Untuk memperluas akses, pemerintah kecamatan telah merencanakan pembangunan Puskesmas baru di sekitar kantor camat.Rencana tersebut telah melalui proses survei dan penyusunan perencanaan awal oleh pihak terkait.
Menurut Julkifli, keberadaan tenaga kesehatan bukan hanya soal jumlah lulusan, tetapi juga kemauan mereka untuk bertugas di wilayah pelosok.“Lulusan dokter memang banyak, tapi belum banyak yang berminat bertugas di wilayah hulu. Beberapa malah melanjutkan studi lagi, sehingga potensi mereka untuk ditugaskan di daerah pun hilang,” ujarnya.

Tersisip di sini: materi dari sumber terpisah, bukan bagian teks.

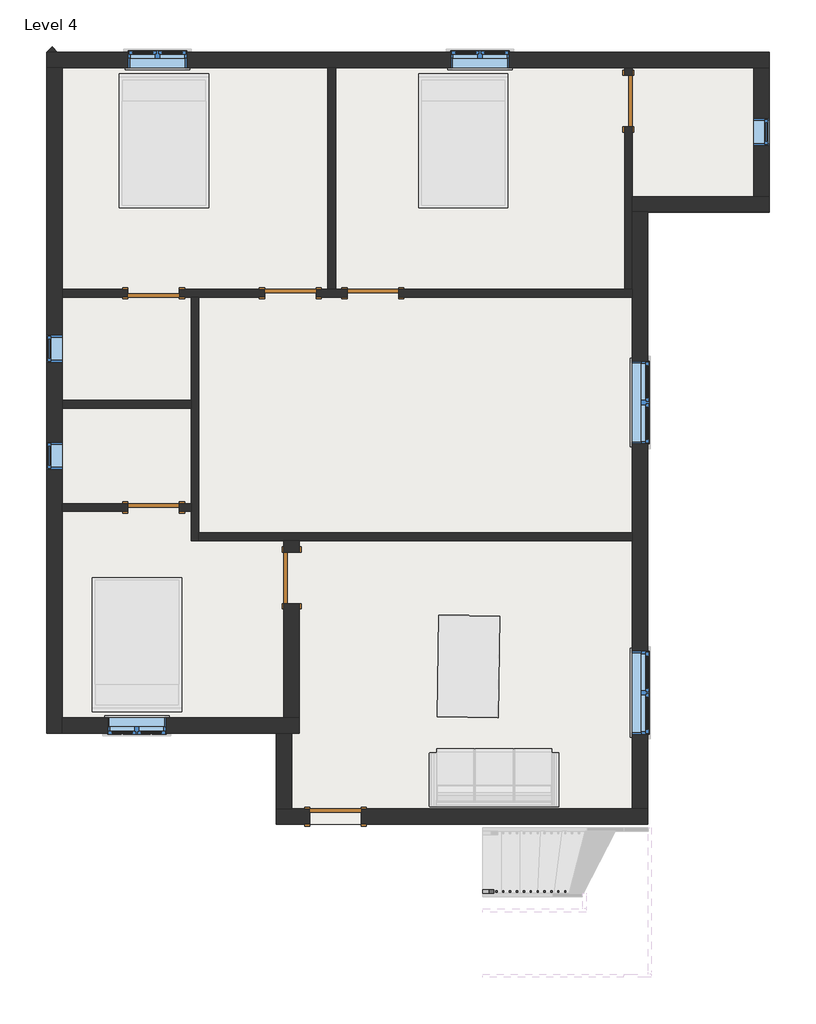
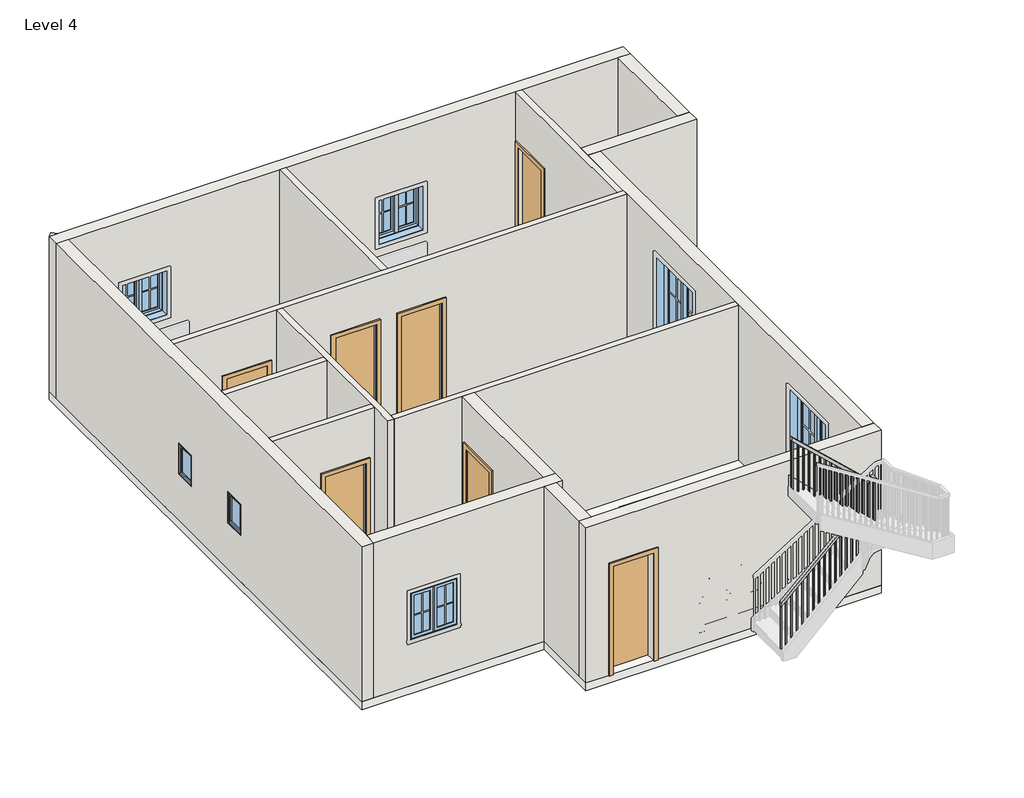
# One storey, part 1 of 2: 17 walls, 8 windows, 7 doors, 1 railing, 1 roof.
"""IFC4 building model written with IfcOpenShell, lengths in millimetres."""

from ifc_helpers import new_model, si_unit, frame, origin, place, context, project, spatial, polyline, outline, extrude, faceted_brep, transform, mapped, element, save
from components import door_f2b275c1, door_d8f5dbb5, door_214872d5, door_78caadf7, door_bb98abfd, window_aa618e30, window_339605e1, window_8377141f

model = new_model("IFC4")

# Units and contexts
model_context = context("Model", 3, world=origin())
ifc_project = project(units=[si_unit("LENGTHUNIT", "METRE", prefix="MILLI")], contexts=[model_context])

# Site, building, storey
site = spatial("IfcSite", under=ifc_project)
building = spatial("IfcBuilding", under=site)
storey = spatial("IfcBuildingStorey", under=building, Name="Level 4", Elevation=6400.8)

# Doors
placement = place(None, origin())
door_shape = door_f2b275c1(model_context)
element("IfcDoor", 1, ObjectType="Single-Flush : 30\" x 80\"", at=placement, inside=storey, context=model_context, shape_type="MappedRepresentation", body=[
    mapped(door_shape, transform((2459.5084916, 7319.9935985, 6400.8), x_axis=(0.0, 1.0, 0.0), y_axis=(-1.0, 0.0, 0.0), z_axis=(0.0, 0.0, 1.0))),
])
element("IfcDoor", 2, ObjectType="Single-Flush : 30\" x 80\"", at=placement, inside=storey, context=model_context, shape_type="MappedRepresentation", body=[
    mapped(door_shape, transform((-4550.8915084, 4481.5435985, 6400.8), x_axis=(1.0, 0.0, 0.0), y_axis=(0.0, 1.0, 0.0), z_axis=(0.0, 0.0, 1.0))),
])
door_2_shape = door_d8f5dbb5(model_context)
element("IfcDoor", 3, ObjectType="Single-Flush : 30\" x 80\"", at=placement, inside=storey, context=model_context, shape_type="MappedRepresentation", body=[
    mapped(door_2_shape, transform((-4550.8915084, 1319.2435985, 6400.8), x_axis=(1.0, 0.0, 0.0), y_axis=(0.0, 1.0, 0.0), z_axis=(0.0, 0.0, 1.0))),
])
door_3_shape = door_214872d5(model_context)
element("IfcDoor", 4, ObjectType="Single-Flush : 30\" x 84\"", at=placement, inside=storey, context=model_context, shape_type="MappedRepresentation", body=[
    mapped(door_3_shape, transform((-2531.5915084, 4481.5435985, 6400.8), x_axis=(1.0, 0.0, 0.0), y_axis=(0.0, 1.0, 0.0), z_axis=(0.0, 0.0, 1.0))),
])
door_4_shape = door_78caadf7(model_context)
element("IfcDoor", 5, ObjectType="Single-Flush : 30\" x 84\"", at=placement, inside=storey, context=model_context, shape_type="MappedRepresentation", body=[
    mapped(door_4_shape, transform((-1312.3915084, 4481.5435985, 6400.8), x_axis=(-1.0, 0.0, 0.0), y_axis=(0.0, -1.0, 0.0), z_axis=(0.0, 0.0, 1.0))),
])
door_5_shape = door_bb98abfd(model_context)
element("IfcDoor", 6, ObjectType="Single-Flush : 30\" x 84\"", at=placement, inside=storey, context=model_context, shape_type="MappedRepresentation", body=[
    mapped(door_5_shape, transform((-2512.5415084, 277.8435985, 6400.8), x_axis=(0.0, 1.0, 0.0), y_axis=(-1.0, 0.0, 0.0), z_axis=(0.0, 0.0, 1.0))),
])
element("IfcDoor", 7, ObjectType="Single-Flush : 30\" x 84\"", at=placement, inside=storey, context=model_context, shape_type="MappedRepresentation", body=[
    mapped(door_5_shape, transform((-1864.8415084, -3246.4064015, 6400.8), x_axis=(1.0, 0.0, 0.0), y_axis=(0.0, 1.0, 0.0), z_axis=(0.0, 0.0, 1.0))),
])

# Railing
element("IfcRailing", 8, ObjectType="Handrail - Rectangular", at=placement, inside=storey, context=model_context, shape_type="SolidModel", body=[
    faceted_brep([(306.9570026, -4325.9064015, 7518.4), (306.9570026, -4325.9064015, 7448.9424448), (306.9570026, -4376.7064015, 7448.9424448), (306.9570026, -4376.7064015, 7518.4), (1758.4886944, -4325.9064015, 8871.8629243), (1809.2886944, -4325.9064015, 8849.773206), (1809.2886944, -4376.7064015, 8849.773206), (1758.4886944, -4376.7064015, 8871.8629243), (1758.4886944, -4325.9064015, 9115.4738258), (1809.2886944, -4325.9064015, 9064.6738258), (1809.2886944, -4376.7064015, 9064.6738258), (1758.4886944, -4376.7064015, 9115.4738258), (1885.4886944, -4325.9064015, 9115.4738258), (1885.4886944, -4325.9064015, 9064.6738258), (1834.6886944, -4376.7064015, 9064.6738258), (1834.6886944, -4376.7064015, 9115.4738258), (1885.4886944, -4452.9064015, 9115.4738258), (1885.4886944, -4484.6424812, 9064.6738258), (1834.6886944, -4484.6424812, 9064.6738258), (1834.6886944, -4452.9064015, 9115.4738258), (1885.4886944, -4579.9064015, 9375.7261742), (1885.4886944, -4630.7064015, 9363.9925523), (1834.6886944, -4630.7064015, 9363.9925523), (1834.6886944, -4579.9064015, 9375.7261742), (1885.4886944, -4579.9064015, 9619.3370757), (1885.4886944, -4630.7064015, 9568.5370757), (1834.6886944, -4630.7064015, 9568.5370757), (1834.6886944, -4579.9064015, 9619.3370757), (1885.4886944, -4706.9064015, 9619.3370757), (1885.4886944, -4706.9064015, 9568.5370757), (1834.6886944, -4656.1064015, 9568.5370757), (1834.6886944, -4656.1064015, 9619.3370757), (1758.4886944, -4706.9064015, 9619.3370757), (1738.4792562, -4706.9064015, 9568.5370757), (1738.4792562, -4656.1064015, 9568.5370757), (1758.4886944, -4656.1064015, 9619.3370757), (306.9570026, -4706.9064015, 10972.8), (306.9570026, -4656.1064015, 10972.8), (306.9570026, -4656.1064015, 10903.3424448), (306.9570026, -4706.9064015, 10903.3424448)], [[[0, 1, 2, 3]], [[1, 0, 4, 5]], [[2, 1, 5, 6]], [[3, 2, 6, 7]], [[0, 3, 7, 4]], [[5, 4, 8, 9]], [[6, 5, 9, 10]], [[7, 6, 10, 11]], [[4, 7, 11, 8]], [[9, 8, 12, 13]], [[10, 9, 13, 14]], [[11, 10, 14, 15]], [[8, 11, 15, 12]], [[13, 12, 16, 17]], [[14, 13, 17, 18]], [[15, 14, 18, 19]], [[12, 15, 19, 16]], [[17, 16, 20, 21]], [[18, 17, 21, 22]], [[19, 18, 22, 23]], [[16, 19, 23, 20]], [[21, 20, 24, 25]], [[22, 21, 25, 26]], [[23, 22, 26, 27]], [[20, 23, 27, 24]], [[25, 24, 28, 29]], [[26, 25, 29, 30]], [[27, 26, 30, 31]], [[24, 27, 31, 28]], [[29, 28, 32, 33]], [[30, 29, 33, 34]], [[31, 30, 34, 35]], [[28, 31, 35, 32]], [[36, 37, 38, 39]], [[33, 32, 36, 39]], [[34, 33, 39, 38]], [[35, 34, 38, 37]], [[32, 35, 37, 36]]]),
    extrude(outline(polyline([(10867.2974865, 345.6136944), (10885.0604254, 326.5636944), (9855.2, 326.5636944), (9855.2, 345.6136944), (10867.2974865, 345.6136944)])), frame((0.0, -4691.0314015, 0.0), z_axis=(0.0, 1.0, 0.0), x_axis=(0.0, 0.0, 1.0)), (0.0, 0.0, 1.0), 19.05),
    extrude(outline(polyline([(10772.5618126, 447.2136944), (10790.3247514, 428.1636944), (9855.2, 428.1636944), (9855.2, 447.2136944), (10772.5618126, 447.2136944)])), frame((0.0, -4691.0314015, 0.0), z_axis=(0.0, 1.0, 0.0), x_axis=(0.0, 0.0, 1.0)), (0.0, 0.0, 1.0), 19.05),
    extrude(outline(polyline([(10677.8261386, 548.8136944), (10695.5890775, 529.7636944), (9855.2, 529.7636944), (9855.2, 548.8136944), (10677.8261386, 548.8136944)])), frame((0.0, -4691.0314015, 0.0), z_axis=(0.0, 1.0, 0.0), x_axis=(0.0, 0.0, 1.0)), (0.0, 0.0, 1.0), 19.05),
    extrude(outline(polyline([(10583.0904646, 650.4136944), (10600.8534035, 631.3636944), (9652.0, 631.3636944), (9652.0, 650.4136944), (10583.0904646, 650.4136944)])), frame((0.0, -4691.0314015, 0.0), z_axis=(0.0, 1.0, 0.0), x_axis=(0.0, 0.0, 1.0)), (0.0, 0.0, 1.0), 19.05),
    extrude(outline(polyline([(10488.3547907, 752.0136944), (10506.1177295, 732.9636944), (9652.0, 732.9636944), (9652.0, 752.0136944), (10488.3547907, 752.0136944)])), frame((0.0, -4691.0314015, 0.0), z_axis=(0.0, 1.0, 0.0), x_axis=(0.0, 0.0, 1.0)), (0.0, 0.0, 1.0), 19.05),
    extrude(outline(polyline([(10393.6191167, 853.6136944), (10411.3820556, 834.5636944), (9652.0, 834.5636944), (9652.0, 853.6136944), (10393.6191167, 853.6136944)])), frame((0.0, -4691.0314015, 0.0), z_axis=(0.0, 1.0, 0.0), x_axis=(0.0, 0.0, 1.0)), (0.0, 0.0, 1.0), 19.05),
    extrude(outline(polyline([(10298.8834427, 955.2136944), (10316.6463816, 936.1636944), (9448.8, 936.1636944), (9448.8, 955.2136944), (10298.8834427, 955.2136944)])), frame((0.0, -4691.0314015, 0.0), z_axis=(0.0, 1.0, 0.0), x_axis=(0.0, 0.0, 1.0)), (0.0, 0.0, 1.0), 19.05),
    extrude(outline(polyline([(10204.1477688, 1056.8136944), (10221.9107076, 1037.7636944), (9448.8, 1037.7636944), (9448.8, 1056.8136944), (10204.1477688, 1056.8136944)])), frame((0.0, -4691.0314015, 0.0), z_axis=(0.0, 1.0, 0.0), x_axis=(0.0, 0.0, 1.0)), (0.0, 0.0, 1.0), 19.05),
    extrude(outline(polyline([(10109.4120948, 1158.4136944), (10127.1750337, 1139.3636944), (9245.6, 1139.3636944), (9245.6, 1158.4136944), (10109.4120948, 1158.4136944)])), frame((0.0, -4691.0314015, 0.0), z_axis=(0.0, 1.0, 0.0), x_axis=(0.0, 0.0, 1.0)), (0.0, 0.0, 1.0), 19.05),
    extrude(outline(polyline([(10014.6764208, 1260.0136944), (10032.4393597, 1240.9636944), (9245.6, 1240.9636944), (9245.6, 1260.0136944), (10014.6764208, 1260.0136944)])), frame((0.0, -4691.0314015, 0.0), z_axis=(0.0, 1.0, 0.0), x_axis=(0.0, 0.0, 1.0)), (0.0, 0.0, 1.0), 19.05),
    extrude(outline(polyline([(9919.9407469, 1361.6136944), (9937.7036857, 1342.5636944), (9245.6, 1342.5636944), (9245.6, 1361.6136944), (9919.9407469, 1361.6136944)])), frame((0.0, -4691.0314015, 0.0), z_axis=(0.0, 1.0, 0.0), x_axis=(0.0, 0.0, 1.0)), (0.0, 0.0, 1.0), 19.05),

Ia berharap program pembangunan kesehatan di daerah tidak hanya fokus pada infrastruktur, tetapi juga pada pemenuhan tenaga medis di setiap desa. Pemerintah kecamatan juga menilai hal ini penting untuk menjamin layanan kesehatan dasar yang merata.
“Harapan kami, pemerintah daerah bisa terus mendorong lewat Musrenbang, agar tiap desa memiliki setidaknya satu bidan, dan minimal dua hingga tiga dokter per kecamatan, termasuk satu dokter spesialis anak,” pungkasnya. (Adv)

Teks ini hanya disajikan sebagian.